OTHER EXAMPLES: It's nearly impossible to imagine rides like World of Motion, The Living Seas, or Horizons today. Lofty, ambitious, educational, and historic, these slow-moving dark rides inspired a generation, but were quickly abandoned as Epcot reoriented. Would Disney ever be interested in a 40-minute dark ride through the origin of fossil fuels? Unlikely... 

7. "Kids don't know who this is..."

Image: Disney

CASE STUDY: Mr. Toad's Wild Ride

For all fans complain about the influx of intellectual property in Disney Parks, the truth is that it's been happening since Disneyland's opening day! Not only did the park host 20,000 Leagues Under the Sea, The Lone Ranger, Davy Crockett, and Tom Sawyer (all iconic heroes in the day), it also hosted the original dark rides of Fantasyland, themed to Peter Pan, Snow White and the Seven Dwarfs, and the unlikely Mr. Toad from The Adventures of Ichabod and Mr. Toad.

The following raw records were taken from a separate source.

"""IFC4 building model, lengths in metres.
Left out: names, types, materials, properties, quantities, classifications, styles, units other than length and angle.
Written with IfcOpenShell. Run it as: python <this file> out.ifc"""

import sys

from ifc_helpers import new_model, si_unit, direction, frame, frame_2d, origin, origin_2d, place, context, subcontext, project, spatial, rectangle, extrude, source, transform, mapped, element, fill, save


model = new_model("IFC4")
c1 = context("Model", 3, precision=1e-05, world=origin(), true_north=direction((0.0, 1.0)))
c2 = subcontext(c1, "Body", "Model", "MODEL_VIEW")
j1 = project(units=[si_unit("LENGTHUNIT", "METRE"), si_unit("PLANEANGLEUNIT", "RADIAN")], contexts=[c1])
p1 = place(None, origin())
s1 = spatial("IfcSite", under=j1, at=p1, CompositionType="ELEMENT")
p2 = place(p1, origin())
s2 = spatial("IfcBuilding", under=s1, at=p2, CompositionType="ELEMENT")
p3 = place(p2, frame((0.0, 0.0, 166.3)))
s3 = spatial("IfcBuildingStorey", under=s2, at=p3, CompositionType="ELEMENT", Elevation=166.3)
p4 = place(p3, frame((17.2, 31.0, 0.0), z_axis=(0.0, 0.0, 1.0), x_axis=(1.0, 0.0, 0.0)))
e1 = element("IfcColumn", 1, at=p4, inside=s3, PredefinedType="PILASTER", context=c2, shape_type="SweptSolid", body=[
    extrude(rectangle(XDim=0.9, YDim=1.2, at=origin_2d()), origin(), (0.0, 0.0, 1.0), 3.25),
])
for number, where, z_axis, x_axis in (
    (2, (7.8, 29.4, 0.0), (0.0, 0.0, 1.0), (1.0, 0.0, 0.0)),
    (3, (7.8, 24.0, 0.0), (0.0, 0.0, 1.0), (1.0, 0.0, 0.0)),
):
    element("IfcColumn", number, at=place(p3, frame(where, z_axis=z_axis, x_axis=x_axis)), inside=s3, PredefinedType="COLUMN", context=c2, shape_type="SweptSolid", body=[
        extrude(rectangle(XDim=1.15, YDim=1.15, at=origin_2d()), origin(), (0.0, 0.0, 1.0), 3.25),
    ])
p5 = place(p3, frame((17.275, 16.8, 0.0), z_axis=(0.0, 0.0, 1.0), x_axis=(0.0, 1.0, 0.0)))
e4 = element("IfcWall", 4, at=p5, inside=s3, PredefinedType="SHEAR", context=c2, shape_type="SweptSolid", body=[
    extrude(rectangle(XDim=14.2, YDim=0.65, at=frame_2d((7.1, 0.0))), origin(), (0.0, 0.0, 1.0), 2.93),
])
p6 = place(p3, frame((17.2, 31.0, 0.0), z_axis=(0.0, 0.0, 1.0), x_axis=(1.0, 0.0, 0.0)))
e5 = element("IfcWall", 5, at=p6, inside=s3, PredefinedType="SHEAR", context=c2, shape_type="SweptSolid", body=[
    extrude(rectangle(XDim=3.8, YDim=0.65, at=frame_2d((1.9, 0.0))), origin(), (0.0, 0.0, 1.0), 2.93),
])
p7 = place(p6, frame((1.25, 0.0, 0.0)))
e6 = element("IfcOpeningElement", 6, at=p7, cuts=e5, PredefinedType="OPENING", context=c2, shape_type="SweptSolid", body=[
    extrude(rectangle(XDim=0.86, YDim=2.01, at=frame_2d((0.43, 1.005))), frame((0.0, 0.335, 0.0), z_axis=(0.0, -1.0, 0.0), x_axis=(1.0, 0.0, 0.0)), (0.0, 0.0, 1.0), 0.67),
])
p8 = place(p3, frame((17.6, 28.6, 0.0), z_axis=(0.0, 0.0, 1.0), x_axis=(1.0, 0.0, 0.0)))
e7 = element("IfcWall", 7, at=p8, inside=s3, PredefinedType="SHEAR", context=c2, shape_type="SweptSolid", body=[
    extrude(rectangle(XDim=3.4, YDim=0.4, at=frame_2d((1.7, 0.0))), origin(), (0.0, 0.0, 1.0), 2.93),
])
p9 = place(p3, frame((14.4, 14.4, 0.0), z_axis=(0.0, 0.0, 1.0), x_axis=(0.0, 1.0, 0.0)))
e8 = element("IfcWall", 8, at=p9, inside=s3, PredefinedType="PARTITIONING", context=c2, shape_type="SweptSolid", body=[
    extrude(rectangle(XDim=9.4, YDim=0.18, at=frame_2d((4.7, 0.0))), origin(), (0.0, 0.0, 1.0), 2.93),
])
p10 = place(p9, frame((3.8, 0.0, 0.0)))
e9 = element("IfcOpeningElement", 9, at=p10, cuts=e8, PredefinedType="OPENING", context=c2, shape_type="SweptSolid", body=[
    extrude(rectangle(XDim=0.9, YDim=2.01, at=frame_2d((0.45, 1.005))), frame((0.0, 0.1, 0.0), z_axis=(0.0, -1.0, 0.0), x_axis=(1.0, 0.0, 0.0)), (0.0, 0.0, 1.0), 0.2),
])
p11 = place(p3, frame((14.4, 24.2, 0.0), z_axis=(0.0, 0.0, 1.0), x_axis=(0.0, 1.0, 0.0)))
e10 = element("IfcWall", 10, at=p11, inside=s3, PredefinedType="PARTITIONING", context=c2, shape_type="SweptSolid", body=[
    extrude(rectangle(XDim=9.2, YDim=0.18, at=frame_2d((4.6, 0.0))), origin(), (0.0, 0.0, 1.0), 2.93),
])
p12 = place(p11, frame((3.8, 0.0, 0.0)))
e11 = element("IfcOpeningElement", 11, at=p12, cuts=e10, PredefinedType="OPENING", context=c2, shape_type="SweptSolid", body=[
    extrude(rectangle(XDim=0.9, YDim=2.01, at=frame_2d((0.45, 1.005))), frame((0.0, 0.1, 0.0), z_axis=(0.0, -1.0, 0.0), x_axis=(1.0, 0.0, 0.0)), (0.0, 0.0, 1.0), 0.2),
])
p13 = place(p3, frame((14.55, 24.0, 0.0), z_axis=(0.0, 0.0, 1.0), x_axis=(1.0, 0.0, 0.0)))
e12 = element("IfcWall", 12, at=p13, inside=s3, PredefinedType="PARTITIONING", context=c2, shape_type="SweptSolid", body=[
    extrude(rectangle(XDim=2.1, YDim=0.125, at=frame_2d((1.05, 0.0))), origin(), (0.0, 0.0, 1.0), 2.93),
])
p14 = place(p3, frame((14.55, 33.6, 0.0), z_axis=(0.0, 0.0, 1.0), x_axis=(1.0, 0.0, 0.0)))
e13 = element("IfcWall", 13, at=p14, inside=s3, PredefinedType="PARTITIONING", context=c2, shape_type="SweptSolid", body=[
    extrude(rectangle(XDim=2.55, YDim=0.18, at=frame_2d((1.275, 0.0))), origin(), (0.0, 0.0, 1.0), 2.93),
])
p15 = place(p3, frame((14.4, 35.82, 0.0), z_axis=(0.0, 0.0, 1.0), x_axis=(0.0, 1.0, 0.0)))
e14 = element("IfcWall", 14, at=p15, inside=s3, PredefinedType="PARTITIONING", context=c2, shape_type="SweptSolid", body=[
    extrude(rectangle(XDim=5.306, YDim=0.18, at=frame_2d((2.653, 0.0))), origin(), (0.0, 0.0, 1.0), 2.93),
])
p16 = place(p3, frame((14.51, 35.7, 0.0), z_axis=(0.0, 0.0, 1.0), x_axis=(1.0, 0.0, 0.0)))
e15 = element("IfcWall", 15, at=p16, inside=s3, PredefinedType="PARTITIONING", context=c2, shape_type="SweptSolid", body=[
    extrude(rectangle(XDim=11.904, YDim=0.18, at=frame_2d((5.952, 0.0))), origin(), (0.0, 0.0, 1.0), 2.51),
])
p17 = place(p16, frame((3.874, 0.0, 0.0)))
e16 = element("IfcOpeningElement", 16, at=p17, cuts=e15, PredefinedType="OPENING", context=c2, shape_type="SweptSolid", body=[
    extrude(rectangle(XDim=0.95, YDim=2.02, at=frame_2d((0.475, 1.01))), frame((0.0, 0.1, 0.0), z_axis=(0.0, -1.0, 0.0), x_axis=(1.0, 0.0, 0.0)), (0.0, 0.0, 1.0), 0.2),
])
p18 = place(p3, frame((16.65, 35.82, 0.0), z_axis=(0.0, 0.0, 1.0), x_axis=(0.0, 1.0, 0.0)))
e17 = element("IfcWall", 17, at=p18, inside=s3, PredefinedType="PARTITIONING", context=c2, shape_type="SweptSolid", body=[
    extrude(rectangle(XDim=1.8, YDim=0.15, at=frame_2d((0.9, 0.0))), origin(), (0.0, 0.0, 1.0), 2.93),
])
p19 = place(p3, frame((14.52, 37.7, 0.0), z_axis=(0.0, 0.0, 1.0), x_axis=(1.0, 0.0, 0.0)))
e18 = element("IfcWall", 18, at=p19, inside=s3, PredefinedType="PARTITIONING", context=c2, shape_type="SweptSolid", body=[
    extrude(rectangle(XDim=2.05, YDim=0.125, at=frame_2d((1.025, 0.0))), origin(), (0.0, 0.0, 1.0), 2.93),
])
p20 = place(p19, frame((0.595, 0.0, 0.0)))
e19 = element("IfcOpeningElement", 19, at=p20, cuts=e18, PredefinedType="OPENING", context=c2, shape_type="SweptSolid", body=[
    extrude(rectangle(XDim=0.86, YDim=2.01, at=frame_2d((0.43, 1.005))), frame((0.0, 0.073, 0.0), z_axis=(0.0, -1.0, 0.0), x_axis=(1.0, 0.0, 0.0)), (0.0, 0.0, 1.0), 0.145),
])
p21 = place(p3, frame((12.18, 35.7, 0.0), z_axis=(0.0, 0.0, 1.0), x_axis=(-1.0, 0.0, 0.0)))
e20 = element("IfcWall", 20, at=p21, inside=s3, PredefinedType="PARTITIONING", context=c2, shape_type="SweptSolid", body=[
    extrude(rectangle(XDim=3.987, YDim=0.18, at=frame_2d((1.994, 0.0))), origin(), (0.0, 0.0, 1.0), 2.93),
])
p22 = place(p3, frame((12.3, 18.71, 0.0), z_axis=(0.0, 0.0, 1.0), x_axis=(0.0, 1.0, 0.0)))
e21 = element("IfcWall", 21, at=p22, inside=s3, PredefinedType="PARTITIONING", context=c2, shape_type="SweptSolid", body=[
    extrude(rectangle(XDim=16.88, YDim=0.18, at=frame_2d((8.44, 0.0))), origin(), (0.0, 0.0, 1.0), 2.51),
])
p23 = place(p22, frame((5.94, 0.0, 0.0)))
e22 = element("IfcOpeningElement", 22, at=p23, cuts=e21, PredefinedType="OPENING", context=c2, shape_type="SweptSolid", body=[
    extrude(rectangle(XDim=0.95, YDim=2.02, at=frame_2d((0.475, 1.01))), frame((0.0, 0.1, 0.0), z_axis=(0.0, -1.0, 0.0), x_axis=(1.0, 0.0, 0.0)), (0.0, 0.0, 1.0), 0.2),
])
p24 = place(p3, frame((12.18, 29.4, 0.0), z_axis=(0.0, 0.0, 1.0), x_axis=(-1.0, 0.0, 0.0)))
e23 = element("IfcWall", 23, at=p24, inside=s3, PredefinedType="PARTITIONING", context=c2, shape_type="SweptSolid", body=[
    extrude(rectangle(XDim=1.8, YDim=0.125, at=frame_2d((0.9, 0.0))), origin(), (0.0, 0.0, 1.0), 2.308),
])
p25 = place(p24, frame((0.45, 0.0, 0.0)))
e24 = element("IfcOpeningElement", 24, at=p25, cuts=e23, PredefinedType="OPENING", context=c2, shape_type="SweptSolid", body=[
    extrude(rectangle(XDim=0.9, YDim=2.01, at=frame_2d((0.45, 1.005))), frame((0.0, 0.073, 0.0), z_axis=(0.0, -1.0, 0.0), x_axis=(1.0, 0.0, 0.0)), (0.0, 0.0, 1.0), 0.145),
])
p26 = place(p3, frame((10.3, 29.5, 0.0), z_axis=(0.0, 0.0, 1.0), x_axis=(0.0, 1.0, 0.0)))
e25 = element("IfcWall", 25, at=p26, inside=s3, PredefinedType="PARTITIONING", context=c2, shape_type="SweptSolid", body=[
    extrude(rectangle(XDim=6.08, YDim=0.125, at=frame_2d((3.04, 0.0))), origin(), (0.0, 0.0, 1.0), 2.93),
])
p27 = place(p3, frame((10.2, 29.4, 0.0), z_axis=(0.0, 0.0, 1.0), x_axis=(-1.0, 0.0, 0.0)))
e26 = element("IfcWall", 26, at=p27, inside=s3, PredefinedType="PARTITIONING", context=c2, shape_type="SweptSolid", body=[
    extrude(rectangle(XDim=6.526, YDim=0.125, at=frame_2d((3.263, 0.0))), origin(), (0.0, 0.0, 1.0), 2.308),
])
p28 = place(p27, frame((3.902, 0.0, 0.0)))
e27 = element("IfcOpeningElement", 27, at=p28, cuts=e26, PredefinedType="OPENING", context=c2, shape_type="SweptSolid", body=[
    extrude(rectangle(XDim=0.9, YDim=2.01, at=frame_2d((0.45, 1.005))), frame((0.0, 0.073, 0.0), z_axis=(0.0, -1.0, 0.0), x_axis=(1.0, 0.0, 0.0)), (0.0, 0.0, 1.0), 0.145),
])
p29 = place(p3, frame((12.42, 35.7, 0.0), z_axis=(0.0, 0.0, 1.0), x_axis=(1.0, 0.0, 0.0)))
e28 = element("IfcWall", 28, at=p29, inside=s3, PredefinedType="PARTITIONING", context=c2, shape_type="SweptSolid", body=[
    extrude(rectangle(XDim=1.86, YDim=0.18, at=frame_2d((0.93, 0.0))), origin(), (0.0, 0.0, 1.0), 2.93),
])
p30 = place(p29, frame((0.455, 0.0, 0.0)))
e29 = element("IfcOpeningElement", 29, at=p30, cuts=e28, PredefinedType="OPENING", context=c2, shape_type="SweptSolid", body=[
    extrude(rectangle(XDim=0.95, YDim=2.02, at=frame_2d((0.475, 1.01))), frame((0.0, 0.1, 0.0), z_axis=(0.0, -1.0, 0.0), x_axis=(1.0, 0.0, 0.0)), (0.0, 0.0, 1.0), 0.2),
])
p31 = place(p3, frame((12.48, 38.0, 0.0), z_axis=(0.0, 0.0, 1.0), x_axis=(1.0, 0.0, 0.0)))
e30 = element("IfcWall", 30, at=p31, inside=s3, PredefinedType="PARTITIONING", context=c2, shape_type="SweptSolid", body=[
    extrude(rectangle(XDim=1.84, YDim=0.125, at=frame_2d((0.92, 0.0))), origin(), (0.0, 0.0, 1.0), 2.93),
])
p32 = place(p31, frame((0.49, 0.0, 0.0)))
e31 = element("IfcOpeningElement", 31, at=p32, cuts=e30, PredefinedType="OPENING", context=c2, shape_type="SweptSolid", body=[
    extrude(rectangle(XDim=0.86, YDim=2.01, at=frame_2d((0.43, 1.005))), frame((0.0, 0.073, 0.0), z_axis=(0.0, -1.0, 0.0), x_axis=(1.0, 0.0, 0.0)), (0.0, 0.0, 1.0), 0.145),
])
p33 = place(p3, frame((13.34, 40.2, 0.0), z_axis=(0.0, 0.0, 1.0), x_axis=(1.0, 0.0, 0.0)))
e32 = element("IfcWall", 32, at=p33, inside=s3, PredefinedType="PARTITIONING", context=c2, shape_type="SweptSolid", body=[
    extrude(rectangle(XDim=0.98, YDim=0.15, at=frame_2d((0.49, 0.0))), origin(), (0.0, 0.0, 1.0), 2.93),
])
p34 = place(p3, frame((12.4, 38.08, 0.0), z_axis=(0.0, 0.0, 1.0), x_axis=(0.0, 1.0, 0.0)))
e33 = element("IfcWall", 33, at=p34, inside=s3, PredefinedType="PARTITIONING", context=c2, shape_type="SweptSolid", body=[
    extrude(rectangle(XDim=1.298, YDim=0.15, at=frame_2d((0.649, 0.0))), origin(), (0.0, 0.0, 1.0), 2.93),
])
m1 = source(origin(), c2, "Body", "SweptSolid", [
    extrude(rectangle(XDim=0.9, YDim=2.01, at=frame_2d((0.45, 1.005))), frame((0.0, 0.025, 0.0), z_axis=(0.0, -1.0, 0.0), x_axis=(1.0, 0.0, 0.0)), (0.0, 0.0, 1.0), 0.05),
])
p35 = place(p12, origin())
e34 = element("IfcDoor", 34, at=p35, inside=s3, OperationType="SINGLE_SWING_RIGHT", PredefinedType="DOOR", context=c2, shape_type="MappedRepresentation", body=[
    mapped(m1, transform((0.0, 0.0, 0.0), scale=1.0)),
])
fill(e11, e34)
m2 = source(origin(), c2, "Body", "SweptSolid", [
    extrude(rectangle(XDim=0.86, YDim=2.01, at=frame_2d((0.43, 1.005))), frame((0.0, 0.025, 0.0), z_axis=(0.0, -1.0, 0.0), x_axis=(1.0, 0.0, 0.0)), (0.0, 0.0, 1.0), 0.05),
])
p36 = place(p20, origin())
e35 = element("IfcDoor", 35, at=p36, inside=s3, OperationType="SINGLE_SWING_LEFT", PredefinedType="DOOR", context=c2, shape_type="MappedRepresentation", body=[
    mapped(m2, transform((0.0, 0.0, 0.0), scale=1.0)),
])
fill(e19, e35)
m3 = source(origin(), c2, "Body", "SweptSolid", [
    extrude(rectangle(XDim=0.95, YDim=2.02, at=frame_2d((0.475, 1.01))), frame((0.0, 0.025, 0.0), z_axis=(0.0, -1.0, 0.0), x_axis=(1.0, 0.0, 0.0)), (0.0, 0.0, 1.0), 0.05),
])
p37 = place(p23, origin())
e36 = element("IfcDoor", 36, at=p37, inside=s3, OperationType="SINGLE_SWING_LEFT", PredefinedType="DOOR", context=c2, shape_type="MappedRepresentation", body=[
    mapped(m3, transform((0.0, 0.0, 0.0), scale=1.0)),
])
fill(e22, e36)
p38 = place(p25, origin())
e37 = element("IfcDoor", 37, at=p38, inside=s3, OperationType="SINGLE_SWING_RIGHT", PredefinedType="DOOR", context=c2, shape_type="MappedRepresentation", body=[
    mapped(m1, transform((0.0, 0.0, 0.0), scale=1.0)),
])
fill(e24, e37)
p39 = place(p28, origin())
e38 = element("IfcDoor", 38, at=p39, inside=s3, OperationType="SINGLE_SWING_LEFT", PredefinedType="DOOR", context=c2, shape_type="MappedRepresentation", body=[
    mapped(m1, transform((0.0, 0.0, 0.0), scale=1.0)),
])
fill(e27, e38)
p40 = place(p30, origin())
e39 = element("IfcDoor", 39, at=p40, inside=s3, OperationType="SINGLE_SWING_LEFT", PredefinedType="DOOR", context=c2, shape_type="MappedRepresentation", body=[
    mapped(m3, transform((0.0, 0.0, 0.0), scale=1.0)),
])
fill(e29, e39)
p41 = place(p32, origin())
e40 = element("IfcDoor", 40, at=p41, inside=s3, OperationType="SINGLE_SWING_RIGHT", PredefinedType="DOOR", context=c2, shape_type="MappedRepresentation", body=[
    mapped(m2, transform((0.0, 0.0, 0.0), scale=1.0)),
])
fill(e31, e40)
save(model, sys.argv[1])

Now, make no mistake – Walt didn't choose Mr. Toad simply because there was no one else to feature. Even in 1955, Disney had already released such classics as BambiCinderellaPinocchio, and Alice in Wonderland. Yet, Mr. Toad was selected over them all to receive a dark ride! 

Image: Disney

In the U.S. parks today, the only thing less likely than Disney approving a ride based on original characters is Disney approving a ride based on little known characters. While allusions to Oswald, Humphrey the Bear, and Clarabelle are scattered around as Easter eggs, it seems highly unlikely that Mr. Toad would ever have been given real estate in Fantasyland today.

OTHER EXAMPLES: But then, if Fantasyland were being built for the first time today, do you really think Peter Pan would've made the cut? Snow White? Even Winnie the Pooh! Built from scratch, the land would probably look like Magic Kingdom's New Fantasyland, with Tangled and Frozen added in. 

8. "I don't think there's a great way to market this.... Is it what people visit for?"

Image: Disney

CASE STUDY: The Enchanted Tiki Room

Now, granted, the Modern Marvel: Enchanted Tiki Room was an E-Ticket when it opened in 1963, dazzling audiences of the era with its incredible technology and the exceptional songwriting of the Sherman Brothers. While it remains one of the most integral and sensational attractions at Disneyland, it's... well... difficult to imagine that Disney would bother adding it today.

It's not just that the era of singalong Audio-Animatroncis shows is over, or that the attraction relies on the careful character work of Imagineer Marc Davis... it's that the Enchanted Tiki Room isn't marketable. Why? Well... all of the reasons above. There's no tie-in to a blockbuster hit; no built-in allegiance from kids; it's got no Disney characters, too many animatronics, and its too simple to match the draw of modern thrills.

OTHER EXAMPLES: As beloved as they may be, it would be hard to convince fans that today's Disney would bring Carousel of Progress, Country Bear Jamboree, or Journey into Imagination to life... While each is absolutely essential in the role it plays (or played), they just wouldn't be seen as marketable new additions today. 

But maybe that's the takeaway – left only to today's devices, Disney Parks would probably be very different places... and inarguably, that version of any Disney Park wouldn't be as well-rounded, as full, or as friendly. When you look to more modern-built parks, they're seemingly stocked only with IP-influenced E-Tickets and lacking family asides, hidden gems, and the original experiences that bring Disney Parks to life. Part of Disney's strength is in the 60+ year history of their parks, allowing rides that probably wouldn't be approved today to nonetheless exist! And that balance is something we should truly appreciate.